Yes for sure. I was just wondering if you had already deployments with 10s of peers, and the battle-stories that go with that
Make sure you’re monitoring is good. 😉
@michaeldrogalis: Learn onyx is fun so far - I started going through it last night and it feels more like a puzzle than work so far, so kudos on that! No idea if onyx will be the right fit in the end for what I need to do but the thought process behind it has already got me reevaluating a bunch of previous work so it's been well worth it already. I was skimming through the beginners guide and saw the bit about high latency workflows (order processing etc. with multi day delays) - would you generally just treat it as separate onyx workflows running on separate logs or data sets and split it up that way?
@shaun-mahood Thanks! My point about tasks that have very high latency is that they will best be served by another tool that checkpoints progress at a fine grained level. Onyx checkpoints periodically - not per message. That’s how we get high performance. But if the cost of a roll-back during recovery is too high, you’re better off with something else.
Good rule of thumb is something like higher than 15-30s per message is probably too high.
Some people do it though if the cost of recovery is low. Depends on the application.
@shaun-mahood Your comment about it not feeling like work made me think of this: Hhttps://twitter.com/GonzoHacker/status/465865268112420867 Hah.
Just to clarify my understanding, is that 15-30s for each segment to move through a single task? So then Onyx would checkpoint after X number of segments have been processed through that task? Either way I'm pretty sure anything I would be doing would fall well within the performance bounds.
15-30s to pass through the entire workflow
Yeah, you’re fine then — nothing to worry about if you’re below that margin.

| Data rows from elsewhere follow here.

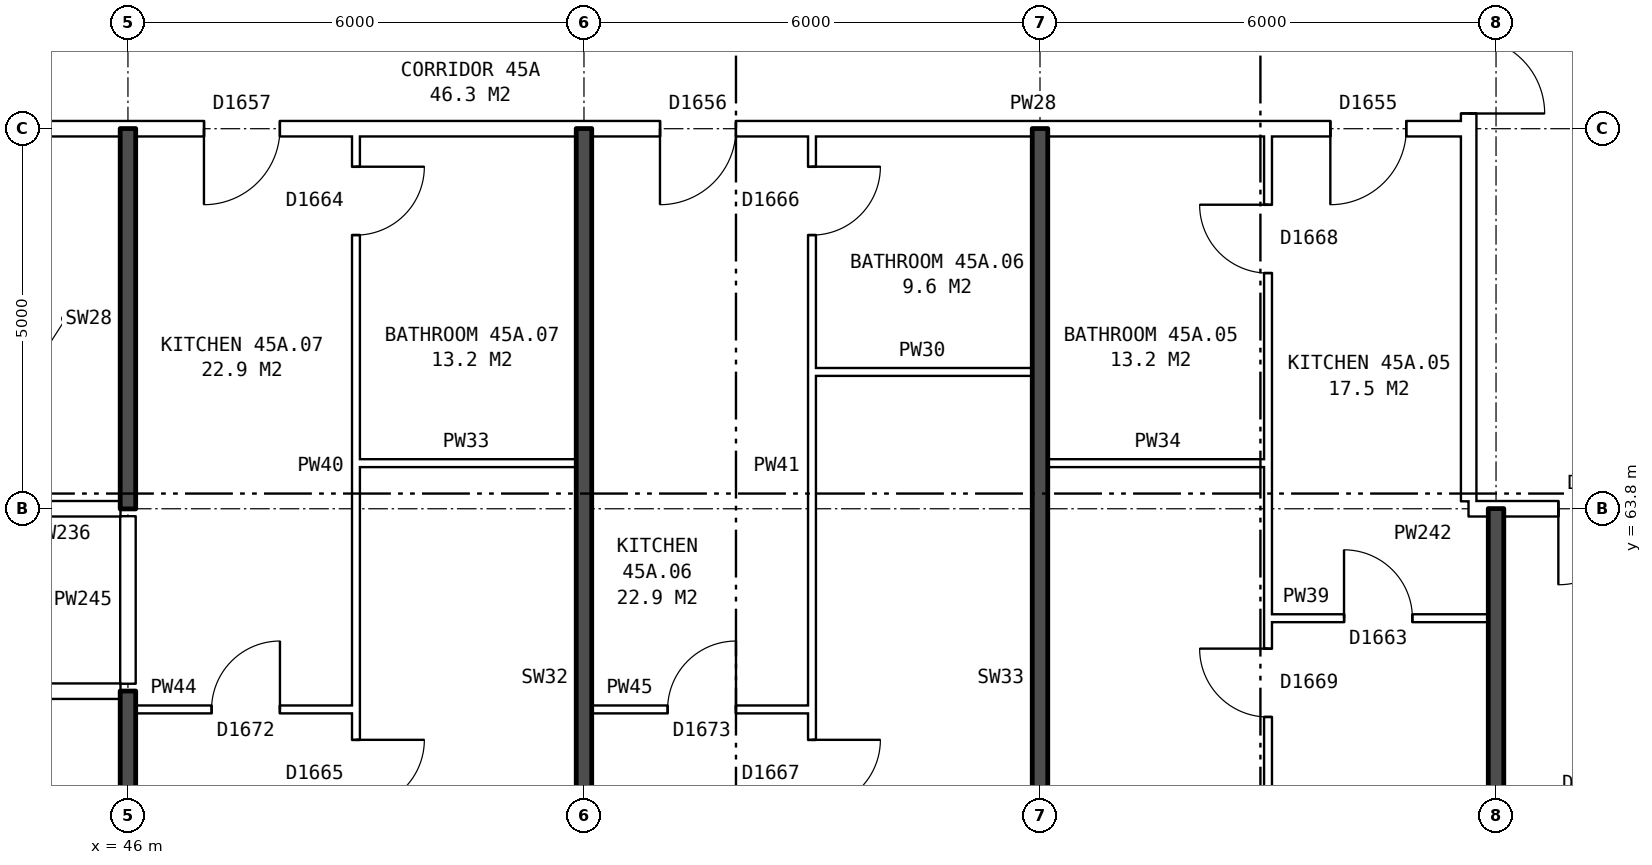
"""IFC4 building model, lengths in metres.
Left out: names, types, materials, properties, quantities, classifications, styles, units other than length and angle.
Written with IfcOpenShell. Run it as: python <this file> out.ifc"""

import sys

from ifc_helpers import new_model, si_unit, direction, frame, frame_2d, origin, place, context, subcontext, project, spatial, rectangle, extrude, element, fill, save


model = new_model("IFC4")
c1 = context("Model", 3, precision=1e-05, world=origin(), true_north=direction((0.0, 1.0)))
c2 = subcontext(c1, "Body", "Model", "MODEL_VIEW")
j1 = project(units=[si_unit("LENGTHUNIT", "METRE"), si_unit("PLANEANGLEUNIT", "RADIAN")], contexts=[c1])
p1 = place(None, origin())
s1 = spatial("IfcSite", under=j1, at=p1, CompositionType="ELEMENT")
p2 = place(p1, origin())
s2 = spatial("IfcBuilding", under=s1, at=p2, CompositionType="ELEMENT")
p3 = place(p2, frame((0.0, 0.0, 160.9)))
s3 = spatial("IfcBuildingStorey", under=s2, at=p3, CompositionType="ELEMENT", Elevation=160.9)
p4 = place(p3, frame((63.64, 63.9, 0.0), z_axis=(0.0, 0.0, 1.0), x_axis=(0.0, 1.0, 0.0)))
e1 = element("IfcWall", 1, at=p4, inside=s3, PredefinedType="PARTITIONING", context=c2, shape_type="SweptSolid", body=[
    extrude(rectangle(XDim=12.2, YDim=0.2, at=frame_2d((6.1, 0.0))), origin(), (0.0, 0.0, 1.0), 2.85),
])
p5 = place(p4, frame((5.1, 0.0, 0.0)))
e2 = element("IfcOpeningElement", 2, at=p5, cuts=e1, PredefinedType="OPENING", context=c2, shape_type="SweptSolid", body=[
    extrude(rectangle(XDim=2.0, YDim=2.1, at=frame_2d((1.0, 1.05))), frame((0.0, 0.11, 0.0), z_axis=(0.0, -1.0, 0.0), x_axis=(1.0, 0.0, 0.0)), (0.0, 0.0, 1.0), 0.22),
])
p6 = place(p3, frame((46.1, 61.16, 0.0), z_axis=(0.0, 0.0, 1.0), x_axis=(1.0, 0.0, 0.0)))
e3 = element("IfcWall", 3, at=p6, inside=s3, PredefinedType="PARTITIONING", context=c2, shape_type="SweptSolid", body=[
    extrude(rectangle(XDim=2.9, YDim=0.1, at=frame_2d((1.45, 0.0))), origin(), (0.0, 0.0, 1.0), 2.85),
])
p7 = place(p6, frame((1.0, 0.0, 0.0)))
e4 = element("IfcOpeningElement", 4, at=p7, cuts=e3, PredefinedType="OPENING", context=c2, shape_type="SweptSolid", body=[
    extrude(rectangle(XDim=0.9, YDim=2.1, at=frame_2d((0.45, 1.05))), frame((0.0, 0.06, 0.0), z_axis=(0.0, -1.0, 0.0), x_axis=(1.0, 0.0, 0.0)), (0.0, 0.0, 1.0), 0.12),
])
p8 = place(p3, frame((52.1, 61.16, 0.0), z_axis=(0.0, 0.0, 1.0), x_axis=(1.0, 0.0, 0.0)))
e5 = element("IfcWall", 5, at=p8, inside=s3, PredefinedType="PARTITIONING", context=c2, shape_type="SweptSolid", body=[
    extrude(rectangle(XDim=2.9, YDim=0.1, at=frame_2d((1.45, 0.0))), origin(), (0.0, 0.0, 1.0), 2.85),
])
p9 = place(p8, frame((1.0, 0.0, 0.0)))
e6 = element("IfcOpeningElement", 6, at=p9, cuts=e5, PredefinedType="OPENING", context=c2, shape_type="SweptSolid", body=[
    extrude(rectangle(XDim=0.9, YDim=2.1, at=frame_2d((0.45, 1.05))), frame((0.0, 0.06, 0.0), z_axis=(0.0, -1.0, 0.0), x_axis=(1.0, 0.0, 0.0)), (0.0, 0.0, 1.0), 0.12),
])
p10 = place(p3, frame((28.86, 61.4, 0.0), z_axis=(0.0, 0.0, 1.0), x_axis=(1.0, 0.0, 0.0)))
e7 = element("IfcWall", 7, at=p10, inside=s3, PredefinedType="PARTITIONING", context=c2, shape_type="SweptSolid", body=[
    extrude(rectangle(XDim=17.04, YDim=0.2, at=frame_2d((8.52, 0.0))), origin(), (0.0, 0.0, 1.0), 2.85),
])
p11 = place(p10, frame((14.59, 0.0, 0.0)))
e8 = element("IfcOpeningElement", 8, at=p11, cuts=e7, PredefinedType="OPENING", context=c2, shape_type="SweptSolid", body=[
    extrude(rectangle(XDim=1.0, YDim=2.1, at=frame_2d((0.5, 1.05))), frame((0.0, 0.11, 0.0), z_axis=(0.0, -1.0, 0.0), x_axis=(1.0, 0.0, 0.0)), (0.0, 0.0, 1.0), 0.22),
])
p12 = place(p10, frame((7.64, 0.0, 0.0)))
e9 = element("IfcOpeningElement", 9, at=p12, cuts=e7, PredefinedType="OPENING", context=c2, shape_type="SweptSolid", body=[
    extrude(rectangle(XDim=1.0, YDim=2.1, at=frame_2d((0.5, 1.05))), frame((0.0, 0.11, 0.0), z_axis=(0.0, -1.0, 0.0), x_axis=(1.0, 0.0, 0.0)), (0.0, 0.0, 1.0), 0.22),
])
p13 = place(p3, frame((61.0, 62.36, 0.0), z_axis=(0.0, 0.0, 1.0), x_axis=(1.0, 0.0, 0.0)))
e10 = element("IfcWall", 10, at=p13, inside=s3, PredefinedType="PARTITIONING", context=c2, shape_type="SweptSolid", body=[
    extrude(rectangle(XDim=2.9, YDim=0.1, at=frame_2d((1.45, 0.0))), origin(), (0.0, 0.0, 1.0), 2.85),
])
p14 = place(p13, frame((1.0, 0.0, 0.0)))
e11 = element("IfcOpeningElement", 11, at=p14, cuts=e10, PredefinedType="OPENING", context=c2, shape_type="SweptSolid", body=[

someone has implemented Kafka in Golang… https://github.com/travisjeffery/jocko
Ok, so if I understand correctly then your main scaling options once you get past that point would either be breaking it into multiple workflows or scaling your machines / changing your workflow to make it fit. The best time to learn JavaScript is when you need CLJS interop 🙂
@shaun-mahood Ha 🙂 And yes. When you need to scale, add more peers. Onyx will automatically parallelize the work.
I'm getting an error trying to add onyx-local-rt
to a new project using clojure 1.9.0-alpha14
, works fine with 1.8.0
- want me to open an issue or just wait until things mature a bit?
@shaun-mahood What error are you encountering? clojure.future dependency problems?
I think you need to bring in the clojure.future dependency. We’re working around not having Spec in Clojure 1.8.
Bring in clojure.future to a project using 1.9
?
Onyx core is on 1.8.
Oh yeah, that makes more sense. Want me to PR the readme with a note once I get it working?